Chava is the first comprehensive app of its kind in Latin America providing a safe educational resource about sexual and reproductive health for women and girls through personalized information, tools, access to expert care via a team of nurses, and a supportive community they can talk to. Users can create their own health and education plan based on their interests, as well as access forums to share resources and create communities with fellow users. The app also links to the WhatsApp chat that Chava’s nurses use to run checkups on patients and answer all of their health questions.

Agrinzones says digital resources like Chava and Aya Contigo are a way to improve people’s literacy on sexual and reproductive health and rights in places where policies limit that information and criminalize abortion. “Until social decriminalization happens and we get access to comprehensive sexual education, women will still be blamed for things that happen to their bodies. Thanks to the internet, new generations are changing their perspectives on these topics.”

[Photo: courtesy of Chava]

Although the pervasiveness of smartphones was one of the reasons Vitala Global decided to go the digital route in Venezuela, the fact is that a third of Latin Americans still lack internet access.
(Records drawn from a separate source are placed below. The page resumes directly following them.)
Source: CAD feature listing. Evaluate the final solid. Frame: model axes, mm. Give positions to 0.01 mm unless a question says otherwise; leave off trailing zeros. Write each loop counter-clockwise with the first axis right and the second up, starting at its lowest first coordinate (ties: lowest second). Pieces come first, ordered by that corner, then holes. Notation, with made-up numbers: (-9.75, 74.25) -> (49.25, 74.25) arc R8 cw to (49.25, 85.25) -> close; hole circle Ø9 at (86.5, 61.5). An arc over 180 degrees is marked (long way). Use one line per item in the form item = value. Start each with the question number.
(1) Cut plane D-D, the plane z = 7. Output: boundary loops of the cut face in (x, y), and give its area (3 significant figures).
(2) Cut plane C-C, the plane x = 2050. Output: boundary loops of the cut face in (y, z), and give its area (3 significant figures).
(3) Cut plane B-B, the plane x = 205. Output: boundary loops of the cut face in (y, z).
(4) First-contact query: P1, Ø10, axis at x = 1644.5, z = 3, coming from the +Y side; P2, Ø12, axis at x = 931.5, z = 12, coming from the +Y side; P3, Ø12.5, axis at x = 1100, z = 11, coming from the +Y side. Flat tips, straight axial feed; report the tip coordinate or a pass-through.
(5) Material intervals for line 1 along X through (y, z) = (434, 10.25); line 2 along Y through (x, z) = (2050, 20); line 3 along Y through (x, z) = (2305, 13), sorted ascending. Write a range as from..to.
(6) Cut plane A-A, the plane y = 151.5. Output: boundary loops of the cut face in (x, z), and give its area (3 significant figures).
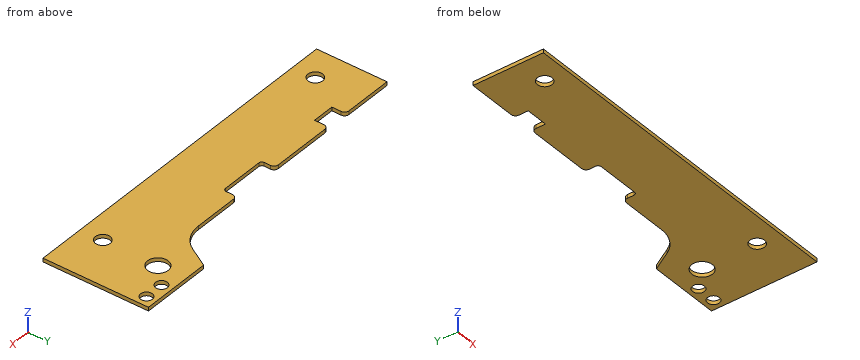
from build123d import *

# Parameters (mm, degrees)
SKETCH1_R           = 50
SKETCH1_R_2         = 70
SKETCH1_R_3         = 40
BOSS_EXTRUDE1_DEPTH = 25


with BuildPart() as part:
    # Sketch1 → Boss-Extrude1 (new body)
    with BuildSketch(Plane.XY):
        with BuildLine():
            Line((0, 0), (0, 477))
            Line((0, 477), (330, 477))
            ThreePointArc((330, 477), (351.213203436, 468.213203436), (360, 447))
            Line((360, 447), (360, 384))
            Line((360, 384), (510, 384))
            Line((510, 384), (510, 447))
            ThreePointArc((510, 447), (518.786796564, 468.213203436), (540, 477))
            Line((540, 477), (943, 477))
            ThreePointArc((943, 477), (964.213203436, 468.213203436), (973, 447))
            Line((973, 447), (973, 404))
            ThreePointArc((973, 404), (978.857864376, 389.857864376), (993, 384))
            Line((993, 384), (1283, 384))
            ThreePointArc((1283, 384), (1297.142135624, 389.857864376), (1303, 404))
            Line((1303, 404), (1303, 447))
            ThreePointArc((1303, 447), (1311.786796564, 468.213203436), (1333, 477))
            Line((1333, 477), (1638.413104807, 477))
            ThreePointArc((1638.413104807, 477), (1742.913104807, 505.000690609), (1819.412414198, 581.5))
            Line((1819.412414198, 581.5), (1896.2, 714.5))
            Line((1896.2, 714.5), (2375, 714.5))
            Line((2375, 714.5), (2375, 0))
            Line((2375, 0), (0, 0))
        make_face()
        with Locations((205, 151.5)):
            Circle(SKETCH1_R, mode=Mode.SUBTRACT)
        with Locations((2050, 151.5)):
            Circle(SKETCH1_R, mode=Mode.SUBTRACT)
        with Locations((2050, 524.5)):
            Circle(SKETCH1_R_2, mode=Mode.SUBTRACT)
        with Locations((2305, 646.5)):
            Circle(SKETCH1_R_3, mode=Mode.SUBTRACT)
        with Locations((2175, 646.5)):
            Circle(SKETCH1_R_3, mode=Mode.SUBTRACT)
    extrude(amount=BOSS_EXTRUDE1_DEPTH)


solid = part.part
Geometry says:
q1.outline = (0, 0) -> (2375, 0) -> (2375, 714.5) -> (1896.2, 714.5) -> (1819.41, 581.5) arc R209 cw to (1638.41, 477) -> (1333, 477) arc R30 ccw to (1303, 447) -> (1303, 404) arc R20 cw to (1283, 384) -> (993, 384) arc R20 cw to (973, 404) -> (973, 447) arc R30 ccw to (943, 477) -> (540, 477) arc R30 ccw to (510, 447) -> (510, 384) -> (360, 384) -> (360, 447) arc R30 ccw to (330, 477) -> (0, 477) -> close; hole circle Ø100 at (205, 151.5); hole circle Ø140 at (2050, 524.5); hole circle Ø100 at (2050, 151.5); hole circle Ø80 at (2175, 646.5); hole circle Ø80 at (2305, 646.5)
q1.area = 1,180,000 mm^2
q2.outline = (0, 0) -> (101.5, 0) -> (101.5, 25) -> (0, 25) -> close; (201.5, 0) -> (454.5, 0) -> (454.5, 25) -> (201.5, 25) -> close; (594.5, 0) -> (714.5, 0) -> (714.5, 25) -> (594.5, 25) -> close
q2.area = 11,900 mm^2
q3.outline = (0, 0) -> (101.5, 0) -> (101.5, 25) -> (0, 25) -> close; (201.5, 0) -> (477, 0) -> (477, 25) -> (201.5, 25) -> close
q4.P1 = 477.29
q4.P2 = 477
q4.P3 = 384
q5.line_1 = 0..360, 510..973, 1303..2375
q5.line_2 = 0..101.5, 201.5..454.5, 594.5..714.5
q5.line_3 = 0..606.5, 686.5..714.5
q6.outline = (0, 0) -> (155, 0) -> (155, 25) -> (0, 25) -> close; (255, 0) -> (2000, 0) -> (2000, 25) -> (255, 25) -> close; (2100, 0) -> (2375, 0) -> (2375, 25) -> (2100, 25) -> close
q6.area = 54,400 mm^2
from build123d import *

# Parameters (mm, degrees)
SKETCH_1_W          = 100
SKETCH_1_H          = 140
EXTRUDE_1_DEPTH     = 14
CUT_EXTRUDE_1_REACH = 89.155
SKETCH_2_R          = 39
SKETCH_3_W          = 8
SKETCH_3_H          = 140
EXTRUDE_2_DEPTH     = 12


with BuildPart() as part:
    # 草图1 → 凸台-拉伸1 (new body)
    with BuildSketch(Plane.XY):
        Rectangle(SKETCH_1_W, SKETCH_1_H)
    extrude(amount=EXTRUDE_1_DEPTH)

    # 草图2 → 切除-拉伸1 (cut, up to next)
    with BuildSketch(Plane.XY.offset(14), mode=Mode.PRIVATE) as cut_extrude_1_sk1:
        with Locations((4, 24)):
            Circle(SKETCH_2_R)
    cut_extrude_1_tool1 = extrude(cut_extrude_1_sk1.sketch, amount=-CUT_EXTRUDE_1_REACH, mode=Mode.PRIVATE) & part.part
    add(cut_extrude_1_tool1.solids().sort_by_distance((4, 24, 14))[0], mode=Mode.SUBTRACT)

    # 草图3 → 凸台-拉伸2 (add)
    with BuildSketch(Plane.XY.offset(14)):
        with Locations((-46, 0)):
            Rectangle(SKETCH_3_W, SKETCH_3_H)
    extrude(amount=EXTRUDE_2_DEPTH)


solid = part.part
Here's how the part is built. I have some questions about the finished solid (model axes, mm). A direction names the side the tool comes from. Coordinates: 2 decimals unless noted, no trailing zeros. Loops run counter-clockwise (first coordinate to the right, second up) from the corner with the lowest first, then second, coordinate; pieces in that order, holes last.
1. Imagine slicing it at A-A, the plane y = 24. Please give me the cut outline in (x, z), and give its area (3 significant figures).
2. If we mould it in two halves opening along Y, with no side actions, what happens to faces 1 (the flat face through (-1, -70, 7)), 2 (the flat face through (-1, 70, 7)), 3 (the cylindrical face through (-4.454, -14.073, 7.098)), 4 (the flat face through (-12, -15, 0))? For each: pulls with the +Y half, pulls with the -Y half, needs draft (parallel to the pull), parting line crosses it, or undercut.
3. For P1, Ø12, axis at x = -3, y = 51, coming from the +Z side; P2, Ø5, axis at x = 20, y = -53, coming from the -Z side, each with a flat end and sliding along its axis, tell me the tip position at first contact or that it passes through.
4. Imagine slicing it at D-D, the plane x = 40. Please give me the cut outline in (y, z).
5. Imagine slicing it at B-B, the plane x = 4. Please give me the cut outline in (y, z).
6. Imagine slicing it at C-C, the plane z = 11.75. Please give me the cut outline in (x, y), and give its area (3 significant figures).
7. I need wall thicknesses on L1, parallel to Z at x = 22.5, y = -64; L2, parallel to X at y = 24.5, z = 24; L3, parallel to Y at x = 4, z = 3. Which ranges of each line are inside material? Lowest first, please.
8. For faces 5 (the flat face through (-7, -15, 14)), 6 (the flat face through (50, -1, 7)), which set-ups out of +Z, -Z, +X, -X, +Y, -Y let a thin tool reach every point of the face, with its end or its side?
Taken from the geometry:
1. outline: (-50, 0) - (-35, 0) - (-35, 14) - (-42, 14) - (-42, 26) - (-50, 26) - close; (43, 0) - (50, 0) - (50, 14) - (43, 14) - close
1. area: 404 mm2
2. face 1: pulls with the -Y half
2. face 2: pulls with the +Y half
2. face 3: undercut
2. face 4: needs draft
3. P1: passes through
3. P2: stops at z = 0
4. outline: (-70, 0) - (9, 0) - (9, 14) - (-70, 14) - close; (39, 0) - (70, 0) - (70, 14) - (39, 14) - close
5. outline: (-70, 0) - (-15, 0) - (-15, 14) - (-70, 14) - close; (63, 0) - (70, 0) - (70, 14) - (63, 14) - close
6. outline: (-50, -70) - (50, -70) - (50, 70) - (-50, 70) - close; hole circle Ø78 at (4, 24)
6. area: 9,220 mm2
7. L1: z = 0 to 14
7. L2: x = -50 to -42
7. L3: y = -70 to -15, 63 to 70
8. face 5: +Z, +X, +Y, -Y
8. face 6: +Z, -Z, +X, +Y, -Y

Agrinzones emphasizes the importance of having community leaders accessing these tools to share them.

“The people with access to data have a responsibility to the communities that lack that privilege,” she says. “We need to understand the digital gap and the access inequality, so the ones with [access] can use the tools and information to [benefit] our communities.” 

Both Chava and Aya Contigo are putting together the information they’re collecting in order to fight the disinformation around these subjects—including 10 abstracts in international academic publications—so other organizations and stakeholders can access it and use it to develop new solutions.

Though it’s still early days for Chava, Medina has big plans, not only to expand the app to more Central American countries but also to offer additional services. “We want to create a whole health ecosystem for women,” she says.

Gill has a similarly expansive vision for Aya Contigo. Vitala Global strives to expand to more rural spaces in Venezuela, as well as to work with younger groups to focus more on prevention. As the organization rolls out new features to Aya Contigo—including help with gender-based violence, mental health tools, a miscarriage component, and a real-time tracker of physical and emotional symptoms during self-managed abortions—it’s also raising money to offer Aya Contigo in the U.S. in the wake of the Supreme Court’s reversal of Roe v. Wade.

“The app has been turned into an advocacy tool,” Gill says. “It’s more than providing information. It has the potential to lead to systematic change. If people can’t have a dignified experience with their bodies, if they’re not free to express their reproductive autonomy, we still have work to do.”